Experiencing Hadoop and Big Data

Preface

We decided to experiment with Hadoop for one of our customers who rely on Business Intelligence for dealing with multi-tera byte data. By we I mean Business Intelligence practice and the UNIX engineering team. Our goal was to have a frame work to finish a certain operation for our customer that usually take 50+ hours in less time, but my goal was to emperiment Hadoop and have an automated framework to rapidly deploy nodes and play with a Single System Image cluster.

Explanation for Hadoop, MapReduce, Hadoop Streaming, cluster can be found elsewhere, use Google andThe Hadoop Blog.

Technologies

  • Citrix XenServer 6.2: We rely internally on the open source XenServer 6.2 for virtualization
  • Spacewalk: For system management, provisioning, and software repositories (It’s the open source counterpart of Red Hat Network Satellite
  • Hortonworks Data Platform: Open source Hadoop distribution, which is commercially supported Hadoop 2.2
  • Red Hat Enterprise Linux: Operating system of choice (RHEL 6.4)

Introduction

In the beginning, I though Hadoop would solve all our problems even running a simple wc -l on a multi-gigabyte file would give me near to light speed results. Well, it isn’t, it isn’t at all. But here is the story, we use XenServer to virtualize our environment, so I wanted a solution that can integrate with what we have without changing anything, we decided to build a multi-node cluster with 6 slave nodes and 1 manager with the following specs: 2 VCPUs, 2 GB RAM, 1 8 GB partition for root, and 20 GB partition for Hadoop data. It’s lame but it’s a start to get into the mysterious world of Big Data.

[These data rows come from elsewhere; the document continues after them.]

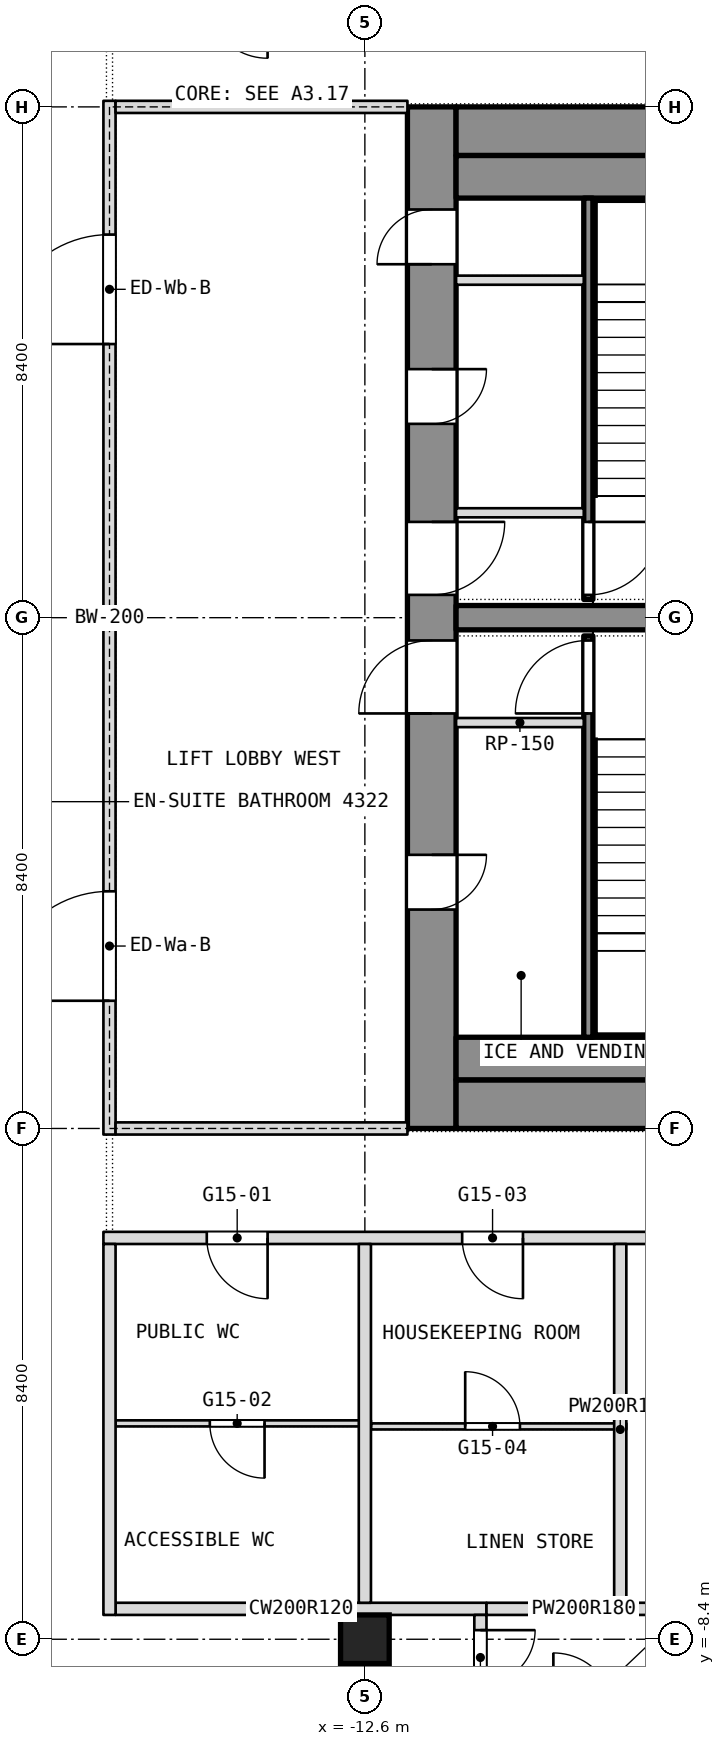
"""IFC4 building model, lengths in metres.
Left out: names, types, materials, properties, quantities, classifications, styles, units other than length and angle.
Written with IfcOpenShell. Run it as: python <this file> out.ifc"""

import sys

from ifc_helpers import new_model, si_unit, direction, frame, frame_2d, origin, origin_2d, place, context, subcontext, project, spatial, rectangle, extrude, element, fill, save


model = new_model("IFC4")
c1 = context("Model", 3, precision=1e-05, world=origin(), true_north=direction((0.0, 1.0)))
c2 = subcontext(c1, "Body", "Model", "MODEL_VIEW")
j1 = project(units=[si_unit("LENGTHUNIT", "METRE"), si_unit("PLANEANGLEUNIT", "RADIAN")], contexts=[c1])
p1 = place(None, origin())
s1 = spatial("IfcSite", under=j1, at=p1, CompositionType="ELEMENT")
p2 = place(p1, origin())
s2 = spatial("IfcBuilding", under=s1, at=p2, CompositionType="ELEMENT")
p3 = place(p2, frame((0.0, 0.0, 191.3)))
s3 = spatial("IfcBuildingStorey", under=s2, at=p3, CompositionType="ELEMENT", Elevation=191.3)
p4 = place(p3, frame((-11.5, 0.0, 0.0), z_axis=(0.0, 0.0, 1.0), x_axis=(0.0, 1.0, 0.0)))
e1 = element("IfcWall", 1, at=p4, inside=s3, PredefinedType="SHEAR", context=c2, shape_type="SweptSolid", body=[
    extrude(rectangle(XDim=16.8, YDim=0.8, at=frame_2d((8.4, 0.0))), origin(), (0.0, 0.0, 1.0), 3.6),
])
p5 = place(p4, frame((3.6, 0.0, 0.0)))
e2 = element("IfcOpeningElement", 2, at=p5, cuts=e1, PredefinedType="OPENING", context=c2, shape_type="SweptSolid", body=[
    extrude(rectangle(XDim=0.9, YDim=2.1, at=frame_2d((0.45, 1.05))), frame((0.0, 0.4, 0.0), z_axis=(0.0, -1.0, 0.0), x_axis=(1.0, 0.0, 0.0)), (0.0, 0.0, 1.0), 0.8),
])
p6 = place(p4, frame((6.825, 0.0, 0.0)))
e3 = element("IfcOpeningElement", 3, at=p6, cuts=e1, PredefinedType="OPENING", context=c2, shape_type="SweptSolid", body=[
    extrude(rectangle(XDim=1.2, YDim=2.1, at=frame_2d((0.6, 1.05))), frame((0.0, 0.4, 0.0), z_axis=(0.0, -1.0, 0.0), x_axis=(1.0, 0.0, 0.0)), (0.0, 0.0, 1.0), 0.8),
])
p7 = place(p4, frame((14.212, 0.0, 0.0)))
e4 = element("IfcOpeningElement", 4, at=p7, cuts=e1, PredefinedType="OPENING", context=c2, shape_type="SweptSolid", body=[
    extrude(rectangle(XDim=0.9, YDim=2.1, at=frame_2d((0.45, 1.05))), frame((0.0, 0.4, 0.0), z_axis=(0.0, -1.0, 0.0), x_axis=(1.0, 0.0, 0.0)), (0.0, 0.0, 1.0), 0.8),
])
p8 = place(p4, frame((11.587, 0.0, 0.0)))
e5 = element("IfcOpeningElement", 5, at=p8, cuts=e1, PredefinedType="OPENING", context=c2, shape_type="SweptSolid", body=[
    extrude(rectangle(XDim=0.9, YDim=2.1, at=frame_2d((0.45, 1.05))), frame((0.0, 0.4, 0.0), z_axis=(0.0, -1.0, 0.0), x_axis=(1.0, 0.0, 0.0)), (0.0, 0.0, 1.0), 0.8),
])
p9 = place(p4, frame((8.775, 0.0, 0.0)))
e6 = element("IfcOpeningElement", 6, at=p9, cuts=e1, PredefinedType="OPENING", context=c2, shape_type="SweptSolid", body=[
    extrude(rectangle(XDim=1.2, YDim=2.1, at=frame_2d((0.6, 1.05))), frame((0.0, 0.4, 0.0), z_axis=(0.0, -1.0, 0.0), x_axis=(1.0, 0.0, 0.0)), (0.0, 0.0, 1.0), 0.8),
])
for number, where, z_axis, x_axis in (
    (7, (-11.1, 0.4, 0.0), (0.0, 0.0, 1.0), (1.0, 0.0, 0.0)),
    (8, (-11.1, 16.4, 0.0), (0.0, 0.0, 1.0), (1.0, 0.0, 0.0)),
):
    element("IfcWall", number, at=place(p3, frame(where, z_axis=z_axis, x_axis=x_axis)), inside=s3, PredefinedType="SHEAR", context=c2, shape_type="SweptSolid", body=[
        extrude(rectangle(XDim=22.2, YDim=0.8, at=frame_2d((11.1, 0.0))), origin(), (0.0, 0.0, 1.0), 3.6),
    ])
p10 = place(p3, frame((-11.1, 8.4, 0.0), z_axis=(0.0, 0.0, 1.0), x_axis=(1.0, 0.0, 0.0)))
e9 = element("IfcWall", 9, at=p10, inside=s3, PredefinedType="SHEAR", context=c2, shape_type="SweptSolid", body=[
    extrude(rectangle(XDim=6.7, YDim=0.4, at=frame_2d((3.35, 0.0))), origin(), (0.0, 0.0, 1.0), 3.6),
])
p11 = place(p3, frame((-12.6, -8.4, 0.0), z_axis=(0.0, 0.0, 1.0), x_axis=(1.0, 0.0, 0.0)))
e10 = element("IfcColumn", 10, at=p11, inside=s3, PredefinedType="COLUMN", context=c2, shape_type="SweptSolid", body=[
    extrude(rectangle(XDim=0.8, YDim=0.8, at=origin_2d()), origin(), (0.0, 0.0, 1.0), 3.6),
])
p12 = place(p3, frame((-16.7, -7.9, 0.0), z_axis=(0.0, 0.0, 1.0), x_axis=(1.0, 0.0, 0.0)))
e11 = element("IfcWall", 11, at=p12, inside=s3, PredefinedType="PARTITIONING", context=c2, shape_type="SweptSolid", body=[
    extrude(rectangle(XDim=6.1, YDim=0.2, at=frame_2d((3.05, 0.0))), origin(), (0.0, 0.0, 1.0), 3.34),
])
p13 = place(p3, frame((-10.6, -7.9, 0.0), z_axis=(0.0, 0.0, 1.0), x_axis=(1.0, 0.0, 0.0)))
e12 = element("IfcWall", 12, at=p13, inside=s3, PredefinedType="PARTITIONING", context=c2, shape_type="SweptSolid", body=[
    extrude(rectangle(XDim=3.2, YDim=0.2, at=frame_2d((1.6, 0.0))), origin(), (0.0, 0.0, 1.0), 3.34),
])
p14 = place(p3, frame((-12.5, -4.9, 0.0), z_axis=(0.0, 0.0, 1.0), x_axis=(1.0, 0.0, 0.0)))
e13 = element("IfcWall", 13, at=p14, inside=s3, PredefinedType="PARTITIONING", context=c2, shape_type="SweptSolid", body=[
    extrude(rectangle(XDim=4.2, YDim=0.1, at=frame_2d((2.1, 0.0))), origin(), (0.0, 0.0, 1.0), 3.34),
])
p15 = place(p14, frame((1.55, 0.0, 0.0)))
e14 = element("IfcOpeningElement", 14, at=p15, cuts=e13, PredefinedType="OPENING", context=c2, shape_type="SweptSolid", body=[
    extrude(rectangle(XDim=0.9, YDim=2.1, at=frame_2d((0.45, 1.05))), frame((0.0, 0.05, 0.0), z_axis=(0.0, -1.0, 0.0), x_axis=(1.0, 0.0, 0.0)), (0.0, 0.0, 1.0), 0.1),
])
p16 = place(p3, frame((-16.7, -4.85, 0.0), z_axis=(0.0, 0.0, 1.0), x_axis=(1.0, 0.0, 0.0)))
e15 = element("IfcWall", 15, at=p16, inside=s3, PredefinedType="PARTITIONING", context=c2, shape_type="SweptSolid", body=[
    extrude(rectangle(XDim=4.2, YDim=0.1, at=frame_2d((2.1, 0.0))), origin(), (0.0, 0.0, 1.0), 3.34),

But first we wanted to build repositories of software, Kickstart server, a way to control all nodes without having the trouble to log into each machine to run commands, so we used Spacewalk, the Red Hat Network Satellite open source counterpart, so we installed Spacewalk, built base channels for RHEl 6.4 64-bit sources and created sub channels, configuration channels to distribute SSH keys, Kickstart profiles, etc. All is working good with minimum efforts since we have proper experience to get things done (may be I will write about it somewhere else). No PXE involved, no DHCP of our own so we have to used the company’s DHCP server which lucily support Dynamic DNS.

The experience

We create template on XenServer for Red Hat 6 installation, so when we create a new node all we have to do is to point that VM to the appropriate Kickstart location on Spacewalk and just enjoy seeing unattended installation in few minutes until the machine is online with all needed packages installed for Spacewalk and Hadoop.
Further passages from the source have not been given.